Por Enrique Guerrero-López
Temos uma desafortunada tendência para ver os países pelo prisma dos seus governantes, invariavelmente minimizando as diversas contribuições dxs de “baixo”. Em Miami, as pessoas dançam nas ruas, celebrando a morte de Fidel, enquanto muitos segmentos da esquerda estadunidense limpam a garganta para gritar “que viva Fidel!”
Esta caricatura a dois tons tem impedido a nossa capacidade para lidar com as belas, trágicas e desafiadoras contradições da história e a situação atual de Cuba, sem mencionar o legado de Fidel.
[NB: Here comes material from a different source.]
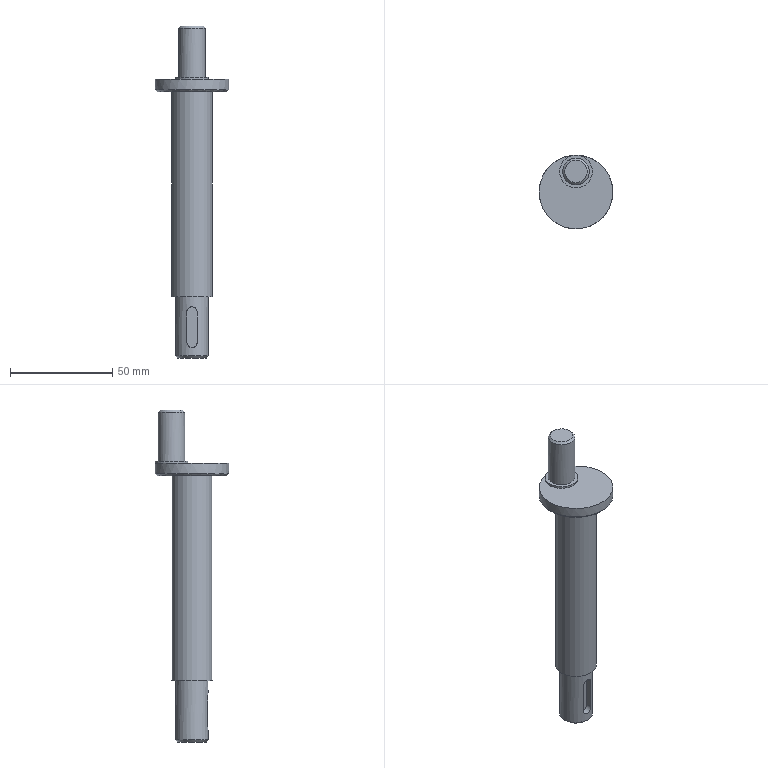Component | NX | 10_CRANKSHAFT | 5 solids | 23 faces | volume 46703 mm3 | plane 13 | cylinder 7 | cone 3 | commonest cylinder face diameters 16 x2 5 x2 13 x1 36 x1 20 x1

Embora Fidel ocupe um lugar importante na história de Cuba, Cuba não é Fidel e a Revolução cubana não pode nem deve ser reduzida a um só homem ou a um só movimento.
Aos meus companheirxs da esquerda, que com razão denunciam a falta de militância no movimento operário estadunidense, deveríamos celebrar um regime que sistematicamente destripou a atividade laboral independente na ilha, proibindo as greves, perseguindo os militantes sindicais e convertendo os sindicatos em uma agência passiva do Estado?
Aos meus companheirxs da esquerda, que com razão denunciam o racismo e a supremacia branca nos Estados Unidos, devemos celebrar um regime que declarou o “fim” do racismo na ilha depois da revolução, convertendo-o em um tema tabu para o debate público durante décadas, um regime que impediu os afro-cubanos de se organizarem independentemente, tanto política como religiosamente, ao mesmo tempo que fomentava uma ideologia anti-negro?
Aos meus companheirxs da esquerda, que lutam legitimamente pela libertação queer, devemos celebrar um regime que reuniu as pessoas queer e as pôs em campos de concentração?
Aos meus companheirxs da esquerda, que legitimamente lutam pela libertação dos presos políticos nos Estados Unidos, devemos celebrar um regime que encarcerou ativistas políticos à esquerda de Castro?
Aos meus companheirxs da esquerda, que com razão lutam por uma educação universal gratuita nos Estados Unidos, devemos celebrar um regime educativo que privilegia quem tem mais recursos para replicar os desequilíbrios de poder existentes, um sistema que inclui apologistas estatais como o afro-cubano Esteban Morales, que diz “Educa os cubanos a serem brancos”?
Aos meus companheirxs da esquerda, que legitimamente lutam por um mundo mais além do capitalismo, devemos celebrar ou defender um regime que passou de uma ditadura unilateral de estilo soviético para uma forma sino-vietnamita de capitalismo de Estado?
Aos cubanxs que dançam nas ruas de Miami:
Xs cubanxs de direita em Miami lamentam a ditadura na ilha enquanto abraçam a ditadura dos dois partidos do capital neste país.
Xs cubanxs de direita em Miami denunciam a falta de “liberdades civis” na ilha, exigindo a libertação dos presos políticos enquanto a polícia mata xs negrxs impunemente nos Estados Unidos e Mumia e outros presos políticos seguem presos no sistema carcerário mais povoado do mundo.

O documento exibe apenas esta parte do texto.